Spero Lucas, d’origine grecque, est un vétéran de la guerre d’Irak. Mais il a trouvé le moyen de vivre de ses qualités qui sont de s’adapter à son environnement et de savoir s’entourer d’amis, sans pour autant oublier la famille. L’un de ses travaux est de faire l’enquêteur pour un avocat pénaliste qui, dès le début du roman, lui demande de faire le jour dans l’affaire Calvin Bates. Ce dernier est en effet accusé d’avoir assassiné sa maitresse. Alors que cela devrait être un crime passionnel, la voiture est retrouvée incendiée et on ne trouve aucune douille sur les lieux du crime.
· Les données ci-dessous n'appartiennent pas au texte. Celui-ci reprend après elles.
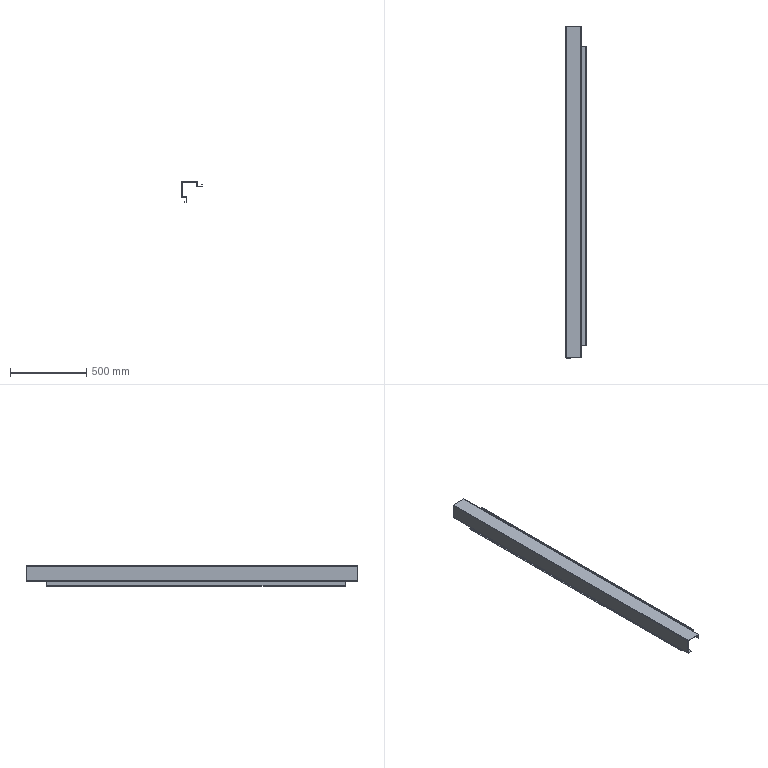Component | SolidWorks | Column-1 | 1 solid | 99 faces | volume 1068620 mm3 | plane 56 | cylinder 43 | commonest cylinder face diameters 11 x21 9 x8 3.4 x7 0.4 x7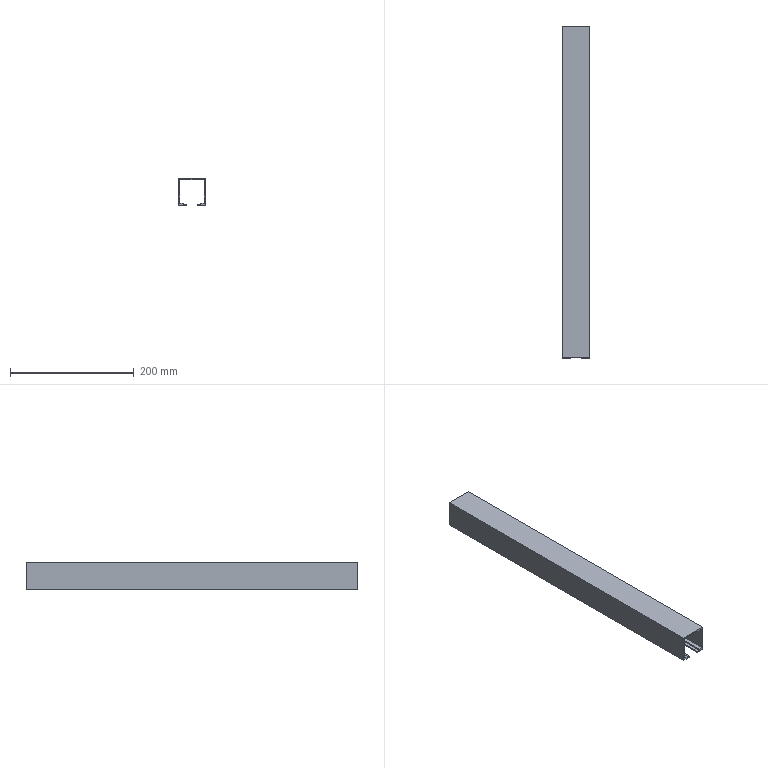Component | SolidWorks | SquareAluminumTube-2 | 1 solid | 18 faces | box 44 x 536 x 44 mm | volume 173664 mm3 | plane 18
build123d program:
from build123d import *

# Parameters (mm, degrees)
BOSS_EXTRUDE1_DEPTH = 536


with BuildPart() as part:
    # Sketch1 → Boss-Extrude1 (new body)
    with BuildSketch(Plane.XY):
        Polygon((-20, -18), (-20, 20), (20, 20), (20, -18), (14, -18), (14, -20), (9, -20), (9, -22), (22, -22), (22, 22), (-22, 22), (-22, -22), (-9, -22), (-9, -20), (-14, -20), (-14, -18), align=None)
    extrude(amount=BOSS_EXTRUDE1_DEPTH)


solid = part.part

# Placed as in the assembly
solid = solid.moved(Location((-67.793, 523.197, 1764.064), (90, 0, 0)))
STEP:
#1=CARTESIAN_POINT('',(-3.535,-0.5041,68.585));
#2=VERTEX_POINT('',#1);
#3=CARTESIAN_POINT('',(-3.535,-0.5041,70.317));
#4=VERTEX_POINT('',#3);
#5=CARTESIAN_POINT('',(-3.535,-0.5041,68.585));
#6=DIRECTION('',(0.,0.,1.));
#7=VECTOR('',#6,39.37);
#8=LINE('',#5,#7);
#9=EDGE_CURVE('',#2,#4,#8,.T.);
#10=ORIENTED_EDGE('',*,*,#9,.T.);
#11=CARTESIAN_POINT('',(-3.535,20.598,70.317));
#12=VERTEX_POINT('',#11);
#13=CARTESIAN_POINT('',(-3.535,20.598,70.317));
#14=DIRECTION('',(-0.,-1.,0.));
#15=VECTOR('',#14,39.37);
#16=LINE('',#13,#15);
#17=EDGE_CURVE('',#12,#4,#16,.T.);
#18=ORIENTED_EDGE('',*,*,#17,.F.);
#19=CARTESIAN_POINT('',(-3.535,20.598,68.585));
#20=VERTEX_POINT('',#19);
#21=CARTESIAN_POINT('',(-3.535,20.598,68.585));
#22=DIRECTION('',(0.,0.,1.));
#23=VECTOR('',#22,39.37);
#24=LINE('',#21,#23);
#25=EDGE_CURVE('',#20,#12,#24,.T.);
#26=ORIENTED_EDGE('',*,*,#25,.F.);
#27=CARTESIAN_POINT('',(-3.535,20.598,68.585));
#28=DIRECTION('',(-0.,-1.,0.));
#29=VECTOR('',#28,39.37);
#30=LINE('',#27,#29);
#31=EDGE_CURVE('',#20,#2,#30,.T.);
#32=ORIENTED_EDGE('',*,*,#31,.T.);
#33=EDGE_LOOP('',(#10,#18,#26,#32));
#34=FACE_OUTER_BOUND('',#33,.T.);
#35=CARTESIAN_POINT('',(-3.535,20.598,68.585));
#36=DIRECTION('',(1.,-0.,-0.));
#37=DIRECTION('',(0.,1.,-0.));
#38=AXIS2_PLACEMENT_3D('',#35,#36,#37);
#39=PLANE('',#38);
#40=ADVANCED_FACE('',(#34),#39,.F.);
#41=CARTESIAN_POINT('',(-1.803,-0.5041,70.317));
#42=VERTEX_POINT('',#41);
#43=CARTESIAN_POINT('',(-1.803,-0.5041,70.317));
#44=DIRECTION('',(1.,-0.,-0.));
#45=VECTOR('',#44,39.37);
#46=LINE('',#43,#45);
#47=EDGE_CURVE('',#4,#42,#46,.T.);
#48=ORIENTED_EDGE('',*,*,#47,.T.);
#49=CARTESIAN_POINT('',(-1.803,20.598,70.317));
#50=VERTEX_POINT('',#49);
#51=CARTESIAN_POINT('',(-1.803,20.598,70.317));
#52=DIRECTION('',(-0.,-1.,0.));
#53=VECTOR('',#52,39.37);
#54=LINE('',#51,#53);
#55=EDGE_CURVE('',#50,#42,#54,.T.);
#56=ORIENTED_EDGE('',*,*,#55,.F.);
#57=CARTESIAN_POINT('',(-1.803,20.598,70.317));
#58=DIRECTION('',(1.,-0.,-0.));
#59=VECTOR('',#58,39.37);
#60=LINE('',#57,#59);
#61=EDGE_CURVE('',#12,#50,#60,.T.);
#62=ORIENTED_EDGE('',*,*,#61,.F.);
#63=ORIENTED_EDGE('',*,*,#17,.T.);
#64=EDGE_LOOP('',(#48,#56,#62,#63));
#65=FACE_OUTER_BOUND('',#64,.T.);
#66=CARTESIAN_POINT('',(-1.803,20.598,70.317));
#67=DIRECTION('',(-0.,-0.,-1.));
#68=DIRECTION('',(-0.,-1.,0.));
#69=AXIS2_PLACEMENT_3D('',#66,#67,#68);
#70=PLANE('',#69);
#71=ADVANCED_FACE('',(#65),#70,.F.);
#72=CARTESIAN_POINT('',(-1.803,-0.5041,68.585));
#73=VERTEX_POINT('',#72);
#74=CARTESIAN_POINT('',(-1.803,-0.5041,68.585));
#75=DIRECTION('',(-0.,-0.,-1.));
#76=VECTOR('',#75,39.37);
#77=LINE('',#74,#76);
#78=EDGE_CURVE('',#42,#73,#77,.T.);
#79=ORIENTED_EDGE('',*,*,#78,.T.);
#80=CARTESIAN_POINT('',(-1.803,20.598,68.585));
#81=VERTEX_POINT('',#80);
#82=CARTESIAN_POINT('',(-1.803,20.598,68.585));
#83=DIRECTION('',(-0.,-1.,0.));
#84=VECTOR('',#83,39.37);
#85=LINE('',#82,#84);
#86=EDGE_CURVE('',#81,#73,#85,.T.);
#87=ORIENTED_EDGE('',*,*,#86,.F.);
#88=CARTESIAN_POINT('',(-1.803,20.598,68.585));
#89=DIRECTION('',(-0.,-0.,-1.));
#90=VECTOR('',#89,39.37);
#91=LINE('',#88,#90);
#92=EDGE_CURVE('',#50,#81,#91,.T.);
#93=ORIENTED_EDGE('',*,*,#92,.F.);
#94=ORIENTED_EDGE('',*,*,#55,.T.);
#95=EDGE_LOOP('',(#79,#87,#93,#94));
#96=FACE_OUTER_BOUND('',#95,.T.);
#97=CARTESIAN_POINT('',(-1.803,20.598,68.585));
#98=DIRECTION('',(-1.,0.,0.));
#99=DIRECTION('',(-0.,-1.,0.));
#100=AXIS2_PLACEMENT_3D('',#97,#98,#99);
#101=PLANE('',#100);
#102=ADVANCED_FACE('',(#96),#101,.F.);
#103=CARTESIAN_POINT('',(-2.315,-0.5041,68.585));
#104=VERTEX_POINT('',#103);
#105=CARTESIAN_POINT('',(-1.803,-0.5041,68.585));
#106=DIRECTION('',(-1.,0.,0.));
#107=VECTOR('',#106,39.37);
#108=LINE('',#105,#107);
#109=EDGE_CURVE('',#73,#104,#108,.T.);
#110=ORIENTED_EDGE('',*,*,#109,.T.);
#111=CARTESIAN_POINT('',(-2.315,20.598,68.585));
#112=VERTEX_POINT('',#111);
#113=CARTESIAN_POINT('',(-2.315,20.598,68.585));
#114=DIRECTION('',(-0.,-1.,0.));
#115=VECTOR('',#114,39.37);
#116=LINE('',#113,#115);
#117=EDGE_CURVE('',#112,#104,#116,.T.);
#118=ORIENTED_EDGE('',*,*,#117,.F.);
#119=CARTESIAN_POINT('',(-1.803,20.598,68.585));
#120=DIRECTION('',(-1.,0.,0.));
#121=VECTOR('',#120,39.37);
#122=LINE('',#119,#121);
#123=EDGE_CURVE('',#81,#112,#122,.T.);
#124=ORIENTED_EDGE('',*,*,#123,.F.);
#125=ORIENTED_EDGE('',*,*,#86,.T.);
#126=EDGE_LOOP('',(#110,#118,#124,#125));
#127=FACE_OUTER_BOUND('',#126,.T.);
#128=CARTESIAN_POINT('',(-1.803,20.598,68.585));
#129=DIRECTION('',(0.,0.,1.));
#130=DIRECTION('',(1.,-0.,-0.));
#131=AXIS2_PLACEMENT_3D('',#128,#129,#130);
#132=PLANE('',#131);
#133=ADVANCED_FACE('',(#127),#132,.F.);
#134=CARTESIAN_POINT('',(-2.315,-0.5041,68.664));
#135=VERTEX_POINT('',#134);
#136=CARTESIAN_POINT('',(-2.315,-0.5041,68.664));
#137=DIRECTION('',(0.,0.,1.));
#138=VECTOR('',#137,39.37);
#139=LINE('',#136,#138);
#140=EDGE_CURVE('',#104,#135,#139,.T.);
#141=ORIENTED_EDGE('',*,*,#140,.T.);
#142=CARTESIAN_POINT('',(-2.315,20.598,68.664));
#143=VERTEX_POINT('',#142);
#144=CARTESIAN_POINT('',(-2.315,20.598,68.664));
#145=DIRECTION('',(-0.,-1.,0.));
#146=VECTOR('',#145,39.37);
#147=LINE('',#144,#146);
#148=EDGE_CURVE('',#143,#135,#147,.T.);
#149=ORIENTED_EDGE('',*,*,#148,.F.);
#150=CARTESIAN_POINT('',(-2.315,20.598,68.664));
#151=DIRECTION('',(0.,0.,1.));
#152=VECTOR('',#151,39.37);
#153=LINE('',#150,#152);
#154=EDGE_CURVE('',#112,#143,#153,.T.);
#155=ORIENTED_EDGE('',*,*,#154,.F.);
#156=ORIENTED_EDGE('',*,*,#117,.T.);
#157=EDGE_LOOP('',(#141,#149,#155,#156));
#158=FACE_OUTER_BOUND('',#157,.T.);
#159=CARTESIAN_POINT('',(-2.315,20.598,68.664));
#160=DIRECTION('',(1.,-0.,-0.));
#161=DIRECTION('',(-0.,-0.,-1.));
#162=AXIS2_PLACEMENT_3D('',#159,#160,#161);
#163=PLANE('',#162);
#164=ADVANCED_FACE('',(#158),#163,.F.);
#165=CARTESIAN_POINT('',(-2.118,-0.5041,68.664));
#166=VERTEX_POINT('',#165);
#167=CARTESIAN_POINT('',(-2.118,-0.5041,68.664));
#168=DIRECTION('',(1.,-0.,-0.));
#169=VECTOR('',#168,39.37);
#170=LINE('',#167,#169);
#171=EDGE_CURVE('',#135,#166,#170,.T.);
#172=ORIENTED_EDGE('',*,*,#171,.T.);
#173=CARTESIAN_POINT('',(-2.118,20.598,68.664));
#174=VERTEX_POINT('',#173);
#175=CARTESIAN_POINT('',(-2.118,20.598,68.664));
#176=DIRECTION('',(-0.,-1.,0.));
#177=VECTOR('',#176,39.37);
#178=LINE('',#175,#177);
#179=EDGE_CURVE('',#174,#166,#178,.T.);
#180=ORIENTED_EDGE('',*,*,#179,.F.);
#181=CARTESIAN_POINT('',(-2.118,20.598,68.664));
#182=DIRECTION('',(1.,-0.,-0.));
#183=VECTOR('',#182,39.37);
#184=LINE('',#181,#183);
#185=EDGE_CURVE('',#143,#174,#184,.T.);
#186=ORIENTED_EDGE('',*,*,#185,.F.);
#187=ORIENTED_EDGE('',*,*,#148,.T.);
#188=EDGE_LOOP('',(#172,#180,#186,#187));
#189=FACE_OUTER_BOUND('',#188,.T.);
#190=CARTESIAN_POINT('',(-2.118,20.598,68.664));
#191=DIRECTION('',(-0.,-0.,-1.));
#192=DIRECTION('',(-0.,-1.,0.));
#193=AXIS2_PLACEMENT_3D('',#190,#191,#192);
#194=PLANE('',#193);
#195=ADVANCED_FACE('',(#189),#194,.F.);
#196=CARTESIAN_POINT('',(-2.118,-0.5041,68.743));
#197=VERTEX_POINT('',#196);
#198=CARTESIAN_POINT('',(-2.118,-0.5041,68.743));
#199=DIRECTION('',(-0.,0.,1.));
#200=VECTOR('',#199,39.37);
#201=LINE('',#198,#200);
#202=EDGE_CURVE('',#166,#197,#201,.T.);
#203=ORIENTED_EDGE('',*,*,#202,.T.);
#204=CARTESIAN_POINT('',(-2.118,20.598,68.743));
#205=VERTEX_POINT('',#204);
#206=CARTESIAN_POINT('',(-2.118,20.598,68.743));
#207=DIRECTION('',(-0.,-1.,0.));
#208=VECTOR('',#207,39.37);
#209=LINE('',#206,#208);
#210=EDGE_CURVE('',#205,#197,#209,.T.);
#211=ORIENTED_EDGE('',*,*,#210,.F.);
#212=CARTESIAN_POINT('',(-2.118,20.598,68.743));
#213=DIRECTION('',(-0.,0.,1.));
#214=VECTOR('',#213,39.37);
#215=LINE('',#212,#214);
#216=EDGE_CURVE('',#174,#205,#215,.T.);
#217=ORIENTED_EDGE('',*,*,#216,.F.);
#218=ORIENTED_EDGE('',*,*,#179,.T.);
#219=EDGE_LOOP('',(#203,#211,#217,#218));
#220=FACE_OUTER_BOUND('',#219,.T.);
#221=CARTESIAN_POINT('',(-2.118,20.598,68.743));
#222=DIRECTION('',(1.,-0.,0.));
#223=DIRECTION('',(0.,-0.,-1.));
#224=AXIS2_PLACEMENT_3D('',#221,#222,#223);
#225=PLANE('',#224);
#226=ADVANCED_FACE('',(#220),#225,.F.);
#227=CARTESIAN_POINT('',(-1.882,-0.5041,68.743));
#228=VERTEX_POINT('',#227);
#229=CARTESIAN_POINT('',(-1.882,-0.5041,68.743));
#230=DIRECTION('',(1.,-0.,-0.));
#231=VECTOR('',#230,39.37);
#232=LINE('',#229,#231);
#233=EDGE_CURVE('',#197,#228,#232,.T.);
#234=ORIENTED_EDGE('',*,*,#233,.T.);
#235=CARTESIAN_POINT('',(-1.882,20.598,68.743));
#236=VERTEX_POINT('',#235);
#237=CARTESIAN_POINT('',(-1.882,20.598,68.743));
#238=DIRECTION('',(-0.,-1.,0.));
#239=VECTOR('',#238,39.37);
#240=LINE('',#237,#239);
#241=EDGE_CURVE('',#236,#228,#240,.T.);
#242=ORIENTED_EDGE('',*,*,#241,.F.);
#243=CARTESIAN_POINT('',(-1.882,20.598,68.743));
#244=DIRECTION('',(1.,-0.,-0.));
#245=VECTOR('',#244,39.37);
#246=LINE('',#243,#245);
#247=EDGE_CURVE('',#205,#236,#246,.T.);
#248=ORIENTED_EDGE('',*,*,#247,.F.);
#249=ORIENTED_EDGE('',*,*,#210,.T.);
#250=EDGE_LOOP('',(#234,#242,#248,#249));
#251=FACE_OUTER_BOUND('',#250,.T.);
#252=CARTESIAN_POINT('',(-1.882,20.598,68.743));
#253=DIRECTION('',(-0.,-0.,-1.));
#254=DIRECTION('',(-1.,0.,0.));
#255=AXIS2_PLACEMENT_3D('',#252,#253,#254);
#256=PLANE('',#255);
#257=ADVANCED_FACE('',(#251),#256,.F.);
#258=CARTESIAN_POINT('',(-1.882,-0.5041,70.239));
#259=VERTEX_POINT('',#258);
#260=CARTESIAN_POINT('',(-1.882,-0.5041,68.743));
#261=DIRECTION('',(0.,0.,1.));
#262=VECTOR('',#261,39.37);
#263=LINE('',#260,#262);
#264=EDGE_CURVE('',#228,#259,#263,.T.);
#265=ORIENTED_EDGE('',*,*,#264,.T.);
#266=CARTESIAN_POINT('',(-1.882,20.598,70.239));
#267=VERTEX_POINT('',#266);
#268=CARTESIAN_POINT('',(-1.882,20.598,70.239));
#269=DIRECTION('',(-0.,-1.,0.));
#270=VECTOR('',#269,39.37);
#271=LINE('',#268,#270);
#272=EDGE_CURVE('',#267,#259,#271,.T.);
#273=ORIENTED_EDGE('',*,*,#272,.F.);
#274=CARTESIAN_POINT('',(-1.882,20.598,68.743));
#275=DIRECTION('',(0.,0.,1.));
#276=VECTOR('',#275,39.37);
#277=LINE('',#274,#276);
#278=EDGE_CURVE('',#236,#267,#277,.T.);
#279=ORIENTED_EDGE('',*,*,#278,.F.);
#280=ORIENTED_EDGE('',*,*,#241,.T.);
#281=EDGE_LOOP('',(#265,#273,#279,#280));
#282=FACE_OUTER_BOUND('',#281,.T.);
#283=CARTESIAN_POINT('',(-1.882,20.598,68.743));
#284=DIRECTION('',(1.,-0.,-0.));
#285=DIRECTION('',(-0.,-0.,-1.));
#286=AXIS2_PLACEMENT_3D('',#283,#284,#285);
#287=PLANE('',#286);
#288=ADVANCED_FACE('',(#282),#287,.F.);
#289=CARTESIAN_POINT('',(-3.456,-0.5041,70.239));
#290=VERTEX_POINT('',#289);
#291=CARTESIAN_POINT('',(-1.882,-0.5041,70.239));
#292=DIRECTION('',(-1.,0.,0.));
#293=VECTOR('',#292,39.37);
#294=LINE('',#291,#293);
#295=EDGE_CURVE('',#259,#290,#294,.T.);
#296=ORIENTED_EDGE('',*,*,#295,.T.);
#297=CARTESIAN_POINT('',(-3.456,20.598,70.239));
#298=VERTEX_POINT('',#297);
#299=CARTESIAN_POINT('',(-3.456,20.598,70.239));
#300=DIRECTION('',(-0.,-1.,0.));
#301=VECTOR('',#300,39.37);
#302=LINE('',#299,#301);
#303=EDGE_CURVE('',#298,#290,#302,.T.);
#304=ORIENTED_EDGE('',*,*,#303,.F.);
#305=CARTESIAN_POINT('',(-1.882,20.598,70.239));
#306=DIRECTION('',(-1.,0.,0.));
#307=VECTOR('',#306,39.37);
#308=LINE('',#305,#307);
#309=EDGE_CURVE('',#267,#298,#308,.T.);
#310=ORIENTED_EDGE('',*,*,#309,.F.);
#311=ORIENTED_EDGE('',*,*,#272,.T.);
#312=EDGE_LOOP('',(#296,#304,#310,#311));
#313=FACE_OUTER_BOUND('',#312,.T.);
#314=CARTESIAN_POINT('',(-1.882,20.598,70.239));
#315=DIRECTION('',(0.,0.,1.));
#316=DIRECTION('',(0.,1.,-0.));
#317=AXIS2_PLACEMENT_3D('',#314,#315,#316);
#318=PLANE('',#317);
#319=ADVANCED_FACE('',(#313),#318,.F.);
#320=CARTESIAN_POINT('',(-3.456,-0.5041,68.743));
#321=VERTEX_POINT('',#320);
#322=CARTESIAN_POINT('',(-3.456,-0.5041,68.743));
#323=DIRECTION('',(-0.,-0.,-1.));
#324=VECTOR('',#323,39.37);
#325=LINE('',#322,#324);
#326=EDGE_CURVE('',#290,#321,#325,.T.);
#327=ORIENTED_EDGE('',*,*,#326,.T.);
#328=CARTESIAN_POINT('',(-3.456,20.598,68.743));
#329=VERTEX_POINT('',#328);
#330=CARTESIAN_POINT('',(-3.456,20.598,68.743));
#331=DIRECTION('',(-0.,-1.,0.));
#332=VECTOR('',#331,39.37);
#333=LINE('',#330,#332);
#334=EDGE_CURVE('',#329,#321,#333,.T.);
#335=ORIENTED_EDGE('',*,*,#334,.F.);
#336=CARTESIAN_POINT('',(-3.456,20.598,68.743));
#337=DIRECTION('',(-0.,-0.,-1.));
#338=VECTOR('',#337,39.37);
#339=LINE('',#336,#338);
#340=EDGE_CURVE('',#298,#329,#339,.T.);
#341=ORIENTED_EDGE('',*,*,#340,.F.);
#342=ORIENTED_EDGE('',*,*,#303,.T.);
#343=EDGE_LOOP('',(#327,#335,#341,#342));
#344=FACE_OUTER_BOUND('',#343,.T.);
#345=CARTESIAN_POINT('',(-3.456,20.598,68.743));
#346=DIRECTION('',(-1.,0.,0.));
#347=DIRECTION('',(-0.,-1.,0.));
#348=AXIS2_PLACEMENT_3D('',#345,#346,#347);
#349=PLANE('',#348);
#350=ADVANCED_FACE('',(#344),#349,.F.);
#351=CARTESIAN_POINT('',(-3.22,-0.5041,68.743));
#352=VERTEX_POINT('',#351);
#353=CARTESIAN_POINT('',(-3.456,-0.5041,68.743));
#354=DIRECTION('',(1.,-0.,-0.));
#355=VECTOR('',#354,39.37);
#356=LINE('',#353,#355);
#357=EDGE_CURVE('',#321,#352,#356,.T.);
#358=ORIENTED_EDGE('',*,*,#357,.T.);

Sa deuxième activité est de retrouver des objets précieux. Il demande en retour 40% de la valeur du bien. Alors qu’il va manger dans un restaurant de luxe, la serveuse lui parle d’une amie à elle, Grace Kinkaid. A la suite d’une aventure amoureuse malheureuse, on lui a dérobé un tableau d’une grande valeur sentimentale et vénale. Spero accepte l’affaire.

Tout cela ne serait ue du classique si, lors d’une soirée dans un bar, Spero ne tombait pas sur une femme splendide. Il lui offre un verre, elle lui laisse son numéro de téléphone. Elle s’appelle Amanda. Ils vont se retrouver, faire l’amour et Spero va tomber amoureux. Ce qui, pour un homme qui veut tout contrôler, va lui occasionner quelques déboires.

Si Une balade dans la nuit était un roman simple, se contentant de présenter Spero et ses qualités, celui-ci est plus complexe dans ses intrigues et va détailler la psychologie de ce personnage hors du commun. C’est un personnage complexe, marqué par la guerre et les meurtres qu’il y a commis. C’est un spécialiste de la débrouille, mais pas un MacGiver bis.

C’est un homme qui ne croit en rien, sauf en lui-même et en ses amis, sur lesquels il peut compter. Il montre une certaine assurance mais cherche à avoir le contrôle de sa vie. Alors, quand il tombe amoureux, il perd ses moyens et change de profil. Alors qu’il est plutôt solitaire de nature, il agit plutôt par instinct. En fait, Spero me fait penser à un animal, à un félin qui est libre de ses mouvements mais pour autant qui sait où chercher sa nourriture ou ses envies du moment.

Les intrigues se révèlent une fois de plus simples. Nous savons assez rapidement ce qui s’est passé dans le cas Calvin Bates, et nous avons rapidement affaire à un groupe ultra violent pour le vol de Grace Kinkaid. Mais, on sent poindre, dans le propos, la violence de la société américaine, et Spero se retrouve confronté à la même violence que ce qu’il a connu pendant la guerre.

Si pour autant, Pelecanos ne dénonce rien, il se veut surtout témoin de sa ville, Washington, et nous livre là un bon polar, avec ce style inimitable fait de petites descriptions qui vous immergent immédiatement dans un décor. Et tout le roman nous emmène vers un final, qui comme il se doit est explosif, très visuel et très violent. De l’adrénaline en poudre ! Alors, Lucas Spero, je t’attends pour ta prochaine affaire. Tes aventures sont un vrai plaisir de lecture.